この視察を行った2018年は2020年東京パラリンピックを直近に控えた時期。そこで急遽学校側の計らいで、視覚障害スポーツであるゴールボールのイギリス代表として東京パラリンピック出場を目指す2名の学生さんに昼休み中の短い時間にインタビューさせていただきました!!ちなみに当日の学食メニューはフィッシュ&チップス!ああイギリスらしい。時間なさ過ぎて無理でしたが食べたかったなー。
1 アントニアさん(18歳女性・弱視)
スポーツマッサージコースの1年生で将来はスポーツトレーナーやコーチを目指している。ゴールボールは2年前から始めた。スポーツや生活スキル向上のために一般大学ではなくRNCへの進学を選択。これまで単身生活をした事がなかったため寮生活でいろんな生活技術を練習中。
2 ジョーさん(20歳男性・弱視)
スポーツマッサージコースとスポーツジムコースを修了し、現在はビジネスコース受講中。将来は、4年前にRNCを卒業した兄と共にスポーツマッサージの会社を経営したいと考えている。高校までは友人ができず、ひとりで家でゲームをして過ごす事が多かったが、RNCに進学してから友人もでき、スポーツも始めた事で充実した生活をしている。
Q.イギリスの若者は白杖についてどう思っているの???
お二人の答えの前に。
RNCでは入学時から学生に対し、白杖の使い方や駅等の街中の主要箇所への単独移動方法を指導します。そのためRNCのあるヘレフォードでは他都市と比べて街中で白杖使用者を見かける事が多いようです。白杖を使用することはとてもデリケートな問題であり、支援者が安全面が向上する等、利点をどんなに説明しても本人の気持ちが動かなければ白杖を日常的に使ってもらう事は難しいです。支援者もがんばりますが最終的にはご本人次第。
そこで思い切って二人に白杖について率直な気持ちを伺うと、アントニアさんは「あまり好きではない。普通校で使うと目立つので使っていなかった。今は日が暮れるのが早い冬によく使う。駅で使うようにしている」、ジョーさんは「入学した時は持ちたくなかったが自分の為に持つようになった。今でも好きではない。普段は使わなくても歩けるが、周りの人の事も考えて夜間や駅で使う」と答えてくれました。
複雑な心境を覗かせながらも、自分の身を守る為だけではなく周囲の人への注意喚起としての白杖の機能を理解して使用している点はRNCでの指導の成果だと感じました。
「夜間に使う」「駅で使う」という自分が見えにくいシチュエーションでピンポイントで使用するというのもいいと思います。
さて、アントニアさんとジョーさん。Goalball UKのウェブサイトを見たところイギリス代表として活躍されているようです。すごい!Congratulations!
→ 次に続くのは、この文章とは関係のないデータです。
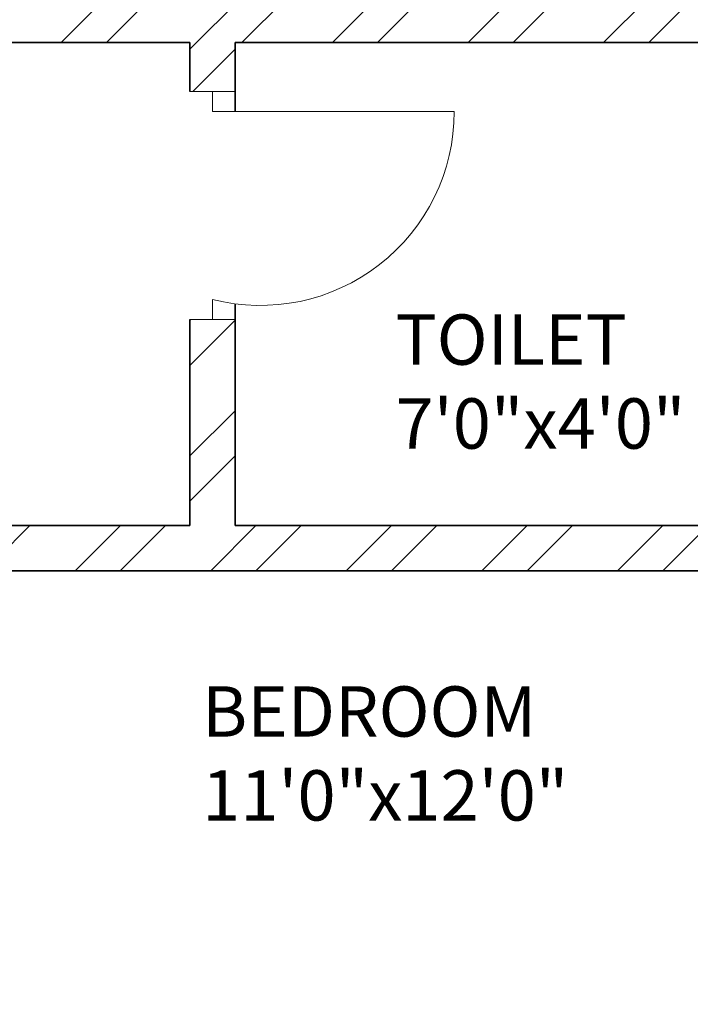
# Model space of a CAD drawing. Units: inches. Extents: x 1962 to 2771, y 1245 to 2660.
# Tile 78 of 114: x 2551 to 2618, y 2082 to 2180. Entities that reach past the tile are written whole.
import ezdxf

# ---------------------------------------------------------------- set-up
doc = ezdxf.new("R2010")
doc.units = ezdxf.units.IN
for name, color, linetype, lineweight in [('A-ANNO-DIMS', 2, 'Continuous', 18), ('A-AREA-IDEN', 7, 'Continuous', 18), ('A-DOOR', 3, 'Continuous', 18), ('A-WALL', 7, 'Continuous', 35), ('A-WALL-PATT', 252, 'Continuous', 13)]:
    doc.layers.add(name, color=color, linetype=linetype, lineweight=lineweight)
doc.styles.get("Standard").update_dxf_attribs({"font": 'arial.ttf'})
doc.dimstyles.get("Standard").update_dxf_attribs({"dimtxt": 0.18, "dimasz": 0.18, "dimexe": 0.18, "dimexo": 0.0625, "dimgap": 0.09, "dimtad": 0, "dimtih": 1, "dimtoh": 1, "dimdec": 4, "dimzin": 0, "dimdsep": 46, "dimtxsty": 'Standard', "dimcen": 0.09, "dimadec": 0, "dimazin": 0, "dimtfac": 1, "dimtdec": 4, "dimtofl": 0, "dimtmove": 0, "dimatfit": 3, "dimfxl": 1, "dimtolj": 1, "dimtzin": 0, "dimarcsym": 0})

# ---------------------------------------------------------------- blocks, each defined once
blk = doc.blocks.new('*D40')
at = {"layer": 'A-ANNO-DIMS', "color": 0, "lineweight": -2, "transparency": 16777216}
for p, q in [((2072.02, 2033.906), (2072.02, 2583.474)), ((2072.2, 2583.294), (2366.02, 2583.294)), ((2660.627, 2583.294), (2366.808, 2583.294)), ((2660.807, 2524.406), (2660.807, 2583.474))]:
    blk.add_line(p, q, dxfattribs=at)
at = {"layer": 'A-ANNO-DIMS', "color": 0, "transparency": 16777216}
for points in [[(2072.2, 2583.324), (2072.2, 2583.264), (2072.02, 2583.294)], [(2660.627, 2583.324), (2660.627, 2583.264), (2660.807, 2583.294)]]:
    blk.add_solid(points, dxfattribs=at)
at = {"layer": 'Defpoints', "color": 0, "transparency": 16777216}
for p in [(2660.807, 2583.294), (2660.807, 2524.344), (2072.02, 2033.844)]:
    blk.add_point(p, dxfattribs=at)
at = {"layer": 'A-ANNO-DIMS', "color": 0, "transparency": 16777216, "insert": (2366.414, 2583.294), "char_height": 0.18, "attachment_point": 5}
blk.add_mtext('\\A1;588.8', dxfattribs=at)

msp = doc.modelspace()

# ---------------------------------------------------------------- hatches: boundary and pattern name
at = {"layer": 'A-WALL-PATT'}
h = msp.add_hatch(dxfattribs=at)
h.set_pattern_fill('ANSI32', color=256)
h.paths.add_polyline_path([(2090.8074, 2467.3437), (2141.6481, 2467.3437), (2141.6481, 2469.5937), (2141.6481, 2471.8437), (2086.3074, 2471.8437), (2086.3074, 2422.5333), (2090.8074, 2422.5333)])
h.paths.add_polyline_path([(2282.7664, 2471.8437), (2204.8982, 2471.8437), (2204.8982, 2467.3437), (2234.8074, 2467.3437), (2234.8074, 2311.3437), (2228.7492, 2311.3437), (2228.7492, 2306.8437), (2234.8074, 2306.8437), (2331.9227, 2306.8437), (2331.9227, 2309.0937), (2331.9227, 2311.3437), (2239.3074, 2311.3437), (2239.3074, 2467.3437), (2282.7664, 2467.3437), (2282.7664, 2469.5937)])
h.paths.add_polyline_path([(2471.4531, 2519.8437), (2552.011, 2519.8437), (2564.3996, 2519.8437), (2564.3996, 2511.1389), (2568.8996, 2511.1389), (2568.8996, 2524.3437), (2466.9531, 2524.3437), (2466.9531, 2471.8437), (2450.0749, 2471.8437), (2446.4672, 2471.8437), (2446.4672, 2467.3437), (2450.0749, 2467.3437), (2475.9988, 2467.3437), (2475.9988, 2469.5937), (2475.9988, 2471.8437), (2471.4531, 2471.8437)])
h.paths.add_polyline_path([(2575.2231, 2469.5937), (2575.2231, 2471.8437), (2568.8996, 2471.8437), (2568.8996, 2487.1389), (2564.3996, 2487.1389), (2564.3996, 2471.8437), (2556.511, 2471.8437), (2499.2904, 2471.8437), (2499.2904, 2467.3437), (2507.8074, 2467.3437), (2507.8074, 2311.3437), (2414.863, 2311.3437), (2414.863, 2306.8437), (2512.3074, 2306.8437), (2517.0114, 2306.8437), (2517.0114, 2309.0937), (2517.0114, 2311.3437), (2512.3074, 2311.3437), (2512.3074, 2467.3437), (2575.2231, 2467.3437)])
h.paths.add_polyline_path([(2660.8074, 2471.8437), (2600.9602, 2471.8437), (2600.9602, 2467.3437), (2656.3074, 2467.3437), (2656.3074, 2432.5704), (2660.8074, 2432.5704)])
h.paths.add_polyline_path([(2660.8074, 2372.5704), (2656.3074, 2372.5704), (2656.3074, 2311.3437), (2600.276, 2311.3437), (2600.276, 2309.0937), (2600.276, 2306.8437), (2656.3074, 2306.8437), (2656.3074, 2296.2593), (2660.8074, 2296.2593)])
h.paths.add_polyline_path([(2572.3074, 2306.8437), (2577.1385, 2306.8437), (2577.1385, 2311.3437), (2551.082, 2311.3437), (2551.082, 2306.8437), (2567.8074, 2306.8437), (2567.8074, 2258.8437), (2540.0574, 2258.8437), (2540.0574, 2256.5937), (2540.0574, 2254.3437), (2567.8074, 2254.3437), (2656.3074, 2254.3437), (2656.3074, 2236.9085), (2660.8074, 2236.9085), (2660.8074, 2272.2593), (2656.3074, 2272.2593), (2656.3074, 2258.8437), (2572.3074, 2258.8437)])
h.paths.add_polyline_path([(2512.3074, 2254.3437), (2518.8716, 2254.3437), (2518.8716, 2256.5937), (2518.8716, 2258.8437), (2507.8074, 2258.8437), (2507.8074, 2177.8437), (2567.8074, 2177.8437), (2567.8074, 2172.9628), (2572.3074, 2172.9628), (2572.3074, 2177.8437), (2656.3074, 2177.8437), (2656.3074, 2166.4846), (2660.8074, 2166.4846), (2660.8074, 2200.9085), (2656.3074, 2200.9085), (2656.3074, 2182.3437), (2512.3074, 2182.3437)])
h.paths.add_polyline_path([(2656.3074, 2129.8437), (2572.3074, 2129.8437), (2572.3074, 2150.3044), (2570.0574, 2150.3044), (2567.8074, 2150.3044), (2567.8074, 2129.8437), (2507.8074, 2129.8437), (2507.8074, 2116.3027), (2510.0574, 2116.3027), (2512.3074, 2116.3027), (2512.3074, 2125.3437), (2567.8074, 2125.3437), (2572.3074, 2125.3437), (2656.3074, 2125.3437)])
h.paths.add_polyline_path([(2090.8074, 2362.5333), (2086.3074, 2362.5333), (2086.3074, 2298.6242), (2090.8074, 2298.6242), (2090.8074, 2306.8437), (2174.8074, 2306.8437), (2174.8074, 2286.4178), (2179.3074, 2286.4178), (2179.3074, 2306.8437), (2192.8641, 2306.8437), (2192.8641, 2309.0937), (2192.8641, 2311.3437), (2090.8074, 2311.3437)])
h.paths.add_polyline_path([(2209.156, 2258.8437), (2179.3074, 2258.8437), (2179.3074, 2263.2236), (2177.0574, 2263.2236), (2174.8074, 2263.2236), (2174.8074, 2258.8437), (2090.8074, 2258.8437), (2090.8074, 2274.6242), (2086.3074, 2274.6242), (2086.3074, 2238.2967), (2088.5574, 2238.2967), (2090.8074, 2238.2967), (2090.8074, 2254.3437), (2209.156, 2254.3437)])
h.paths.add_polyline_path([(2090.8074, 2177.8437), (2234.8074, 2177.8437), (2234.8074, 2173.1428), (2239.3074, 2173.1428), (2239.3074, 2258.8437), (2230.8442, 2258.8437), (2230.8442, 2256.5937), (2230.8442, 2254.3437), (2234.8074, 2254.3437), (2234.8074, 2182.3437), (2090.8074, 2182.3437), (2090.8074, 2202.2967), (2086.3074, 2202.2967), (2086.3074, 2140.0389), (2090.8074, 2140.0389)])
h.paths.add_polyline_path([(2090.8074, 2080.0389), (2086.3074, 2080.0389), (2086.3074, 2033.8437), (2090.8074, 2033.8437)], flags=17)
h.paths.add_polyline_path([(2244.9405, 2033.8437), (2239.3074, 2033.8437), (2239.3074, 2142.0665), (2237.2592, 2142.0665), (2234.8074, 2142.0665), (2234.8074, 2033.8437), (2090.8074, 2033.8437), (2076.5204, 2033.8437), (2072.0204, 2033.8437), (2072.0204, 2000.4493), (2076.5204, 2000.4493), (2076.5204, 2029.3437), (2090.8074, 2029.3437), (2244.9405, 2029.3437), (2244.9405, 2031.5937)])
h.paths.add_polyline_path([(2234.8074, 1933.3437), (2076.5204, 1933.3437), (2076.5204, 1952.4493), (2074.2704, 1952.4493), (2072.0204, 1952.4493), (2072.0204, 1933.3437), (2072.0204, 1928.8437), (2234.8074, 1928.8437)])
h.paths.add_polyline_path([(2090.8074, 1928.8437), (2086.3074, 1928.8437), (2086.3074, 1906.5013), (2090.8074, 1906.5013)])
h.paths.add_polyline_path([(2090.8074, 1846.5013), (2086.3074, 1846.5013), (2086.3074, 1769.9917), (2088.5574, 1769.9917), (2090.8074, 1769.9917), (2090.8074, 1780.3437), (2234.8074, 1780.3437), (2234.8074, 1708.3437), (2230.3764, 1708.3437), (2230.3764, 1703.8437), (2239.3074, 1703.8437), (2239.3074, 1792.6669), (2237.0574, 1792.6669), (2234.8074, 1792.6669), (2234.8074, 1784.8437), (2090.8074, 1784.8437)])
h.paths.add_polyline_path([(2239.3074, 1928.8437), (2244.9405, 1928.8437), (2244.9405, 1931.0937), (2244.9405, 1933.3437), (2234.8074, 1933.3437), (2234.8074, 1928.8437), (2234.8074, 1825.5949), (2239.3074, 1825.5949)])
h.paths.add_polyline_path([(2148.0425, 1649.0937), (2148.0425, 1651.3437), (2090.8074, 1651.3437), (2090.8074, 1646.8437), (2148.0425, 1646.8437)], flags=0)
h.paths.add_polyline_path([(2207.5601, 1708.3437), (2090.8074, 1708.3437), (2090.8074, 1703.8437), (2174.8074, 1703.8437), (2174.8074, 1651.3437), (2170.4457, 1651.3437), (2170.4457, 1646.8437), (2195.9924, 1646.8437), (2195.9924, 1649.0937), (2195.9924, 1651.3437), (2179.3074, 1651.3437), (2179.3074, 1703.8437), (2207.5601, 1703.8437), (2207.5601, 1706.0937)])
h.paths.add_polyline_path([(2090.8074, 1733.9917), (2086.3074, 1733.9917), (2086.3074, 1696.1032), (2088.5574, 1696.1032), (2090.8074, 1696.1032)])
h.paths.add_polyline_path([(2090.8074, 1672.1032), (2086.3074, 1672.1032), (2086.3074, 1600.3335), (2090.8074, 1600.3335)])
h.paths.add_polyline_path([(2090.8074, 1540.3335), (2086.3074, 1540.3335), (2086.3074, 1486.3437), (2139.6766, 1486.3437), (2139.6766, 1490.8437), (2090.8074, 1490.8437)])
h.paths.add_polyline_path([(2302.3876, 1490.8437), (2239.3074, 1490.8437), (2239.3074, 1646.8437), (2335.9994, 1646.8437), (2335.9994, 1651.3437), (2229.884, 1651.3437), (2229.884, 1646.8437), (2234.8074, 1646.8437), (2234.8074, 1490.8437), (2202.7103, 1490.8437), (2202.7103, 1488.5937), (2202.7103, 1486.3437), (2275.0699, 1486.3437), (2275.0699, 1475.772), (2279.5699, 1475.772), (2279.5699, 1486.3437), (2302.3876, 1486.3437)])
h.paths.add_polyline_path([(2279.5699, 1451.772), (2275.0699, 1451.772), (2275.0699, 1438.3437), (2174.8074, 1438.3437), (2174.8074, 1486.3437), (2179.7922, 1486.3437), (2179.7922, 1490.8437), (2163.3585, 1490.8437), (2163.3585, 1488.5937), (2163.3585, 1486.3437), (2170.3074, 1486.3437), (2170.3074, 1433.8437), (2279.5699, 1433.8437)])
h.paths.add_polyline_path([(2427.2363, 1490.8437), (2375.8074, 1490.8437), (2375.8074, 1646.8437), (2381.6401, 1646.8437), (2381.6401, 1651.3437), (2365.887, 1651.3437), (2365.887, 1649.0937), (2365.887, 1646.8437), (2371.3074, 1646.8437), (2371.3074, 1490.8437), (2327.5627, 1490.8437), (2327.5627, 1488.5937), (2327.5627, 1486.3437), (2371.3074, 1486.3437), (2371.3074, 1433.8437), (2375.8074, 1433.8437), (2375.8074, 1486.3437), (2427.2363, 1486.3437)])
h.paths.add_polyline_path([(2512.3074, 1646.8437), (2519.4351, 1646.8437), (2519.4351, 1649.0937), (2519.4351, 1651.3437), (2507.8074, 1651.3437), (2416.0063, 1651.3437), (2416.0063, 1649.0937), (2416.0063, 1646.8437), (2507.8074, 1646.8437), (2507.8074, 1490.8437), (2497.0532, 1490.8437), (2497.0532, 1488.5937), (2497.0532, 1486.3437), (2574.9344, 1486.3437), (2574.9344, 1476.0181), (2579.4344, 1476.0181), (2579.4344, 1486.3437), (2584.4872, 1486.3437), (2584.3074, 1490.8437), (2512.3074, 1490.8437)])
h.paths.add_polyline_path([(2470.5091, 1486.3437), (2473.9767, 1486.3437), (2473.9767, 1490.8437), (2449.6605, 1490.8437), (2449.6605, 1488.5937), (2449.6605, 1486.3437), (2466.0091, 1486.3437), (2466.0091, 1433.8437), (2470.5091, 1433.8437), (2579.4344, 1433.8437), (2579.4344, 1452.0181), (2574.9344, 1452.0181), (2574.9344, 1438.3437), (2554.5091, 1438.3437), (2470.5091, 1438.3437)])
h.paths.add_polyline_path([(2656.3074, 1490.8437), (2611.86, 1490.8437), (2611.86, 1486.3437), (2656.3074, 1486.3437)])
h.paths.add_polyline_path([(2660.8074, 1532.7007), (2658.5574, 1532.7007), (2656.3074, 1532.7007), (2656.3074, 1486.3437), (2660.8074, 1486.3437)])
h.paths.add_polyline_path([(2660.8074, 1664.9663), (2656.3074, 1664.9663), (2656.3074, 1651.3437), (2602.2313, 1651.3437), (2602.2313, 1646.8437), (2656.3074, 1646.8437), (2656.3074, 1592.7007), (2660.8074, 1592.7007)])
h.paths.add_polyline_path([(2660.8074, 1724.5221), (2656.3074, 1724.5221), (2656.3074, 1703.8437), (2542.4725, 1703.8437), (2542.4725, 1699.3437), (2567.8074, 1699.3437), (2567.8074, 1651.3437), (2552.7766, 1651.3437), (2552.7766, 1649.0937), (2552.7766, 1646.8437), (2577.2878, 1646.8437), (2577.2878, 1649.0937), (2577.2878, 1651.3437), (2572.3074, 1651.3437), (2572.3074, 1699.3437), (2656.3074, 1699.3437), (2656.3074, 1688.9663), (2660.8074, 1688.9663)])
h.paths.add_polyline_path([(2660.8074, 1880.6524), (2656.3074, 1880.6524), (2656.3074, 1832.8437), (2512.3074, 1832.8437), (2512.3074, 1837.8959), (2507.8074, 1837.8959), (2507.8074, 1828.3437), (2567.8074, 1828.3437), (2567.8074, 1804.3437), (2572.3074, 1804.3437), (2572.3074, 1828.3437), (2656.3074, 1828.3437), (2656.3074, 1818.6778), (2660.8074, 1818.6778)])
h.paths.add_polyline_path([(2660.8074, 1794.6778), (2656.3074, 1794.6778), (2656.3074, 1780.3437), (2572.3074, 1780.3437), (2572.3074, 1783.0303), (2570.0574, 1783.0303), (2567.8074, 1783.0303), (2567.8074, 1780.3437), (2507.8074, 1780.3437), (2507.8074, 1699.3437), (2517.8858, 1699.3437), (2517.8858, 1701.5937), (2517.8858, 1703.8437), (2512.3074, 1703.8437), (2512.3074, 1775.8437), (2656.3074, 1775.8437), (2656.3074, 1760.5221), (2660.8074, 1760.5221)])
h.paths.add_polyline_path([(2660.8074, 1981.3437), (2660.8074, 2020.2808), (2658.5574, 2020.2808), (2656.3074, 2020.2808), (2656.3074, 1981.3437), (2512.3074, 1981.3437), (2512.3074, 2086.6996), (2507.8074, 2086.6996), (2507.8074, 1981.3437), (2375.8074, 1981.3437), (2375.8074, 1986.8505), (2373.5574, 1986.8505), (2371.3074, 1986.8505), (2371.3074, 1973.2607), (2375.8074, 1973.2607), (2375.8074, 1976.8437), (2507.8074, 1976.8437), (2507.8074, 1865.4281), (2510.0574, 1865.4281), (2512.3074, 1865.4281), (2512.3074, 1976.8437), (2660.8074, 1976.8437)])
h.paths.add_polyline_path([(2375.8074, 1940.297), (2373.5574, 1940.297), (2371.3074, 1940.297), (2371.3074, 1933.3437), (2278.4434, 1933.3437), (2278.4434, 1928.8437), (2371.3074, 1928.8437), (2371.3074, 1651.3437), (2375.8074, 1651.3437)])
h.paths.add_polyline_path([(2660.8074, 1976.8437), (2656.3074, 1976.8437), (2656.3074, 1940.6524), (2660.8074, 1940.6524)], flags=17)
h.paths.add_polyline_path([(2660.8074, 2142.4846), (2656.3074, 2142.4846), (2656.3074, 2080.2808), (2660.8074, 2080.2808)])
h.paths.add_polyline_path([(2381.4189, 2311.3437), (2375.8074, 2311.3437), (2375.8074, 2467.3437), (2424.7242, 2467.3437), (2424.7242, 2469.5937), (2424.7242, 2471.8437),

最後に、17歳まで青森で暮らし、日本語が話せるICTコースのエスター先生とお話ししました。
授業で使う機器はパソコンで、タッチタイピング、スクリーンリーダーJAWSやNVDAの使い方、拡大ソフトZoomText、ネット検索の仕方、就職用ネットフォームの記入方法、ショートカット、Word、Excel、Outlook、Publisher、PowerPointとPowerPointに組み込むためのオーディオファイル操作、Wordpress、イメージ加工などなど、多岐にわたっていました。このコースについて先生は「very job focus」と言い、就職に向けた、そして就職後のことを見据えたコースのようです。イギリスでも人気のタブレットやiPhoneの使い方を教える先生は別にいます。
エスター先生自身、視覚障害者へのITの指導方法はOJTで覚えたとのこと。私もです!!分かる~。
これまで日本人留学生が在籍していたかどうかは聞きそびれてしまいましたが、進学先の選択肢としてRNCもいかがでしょう?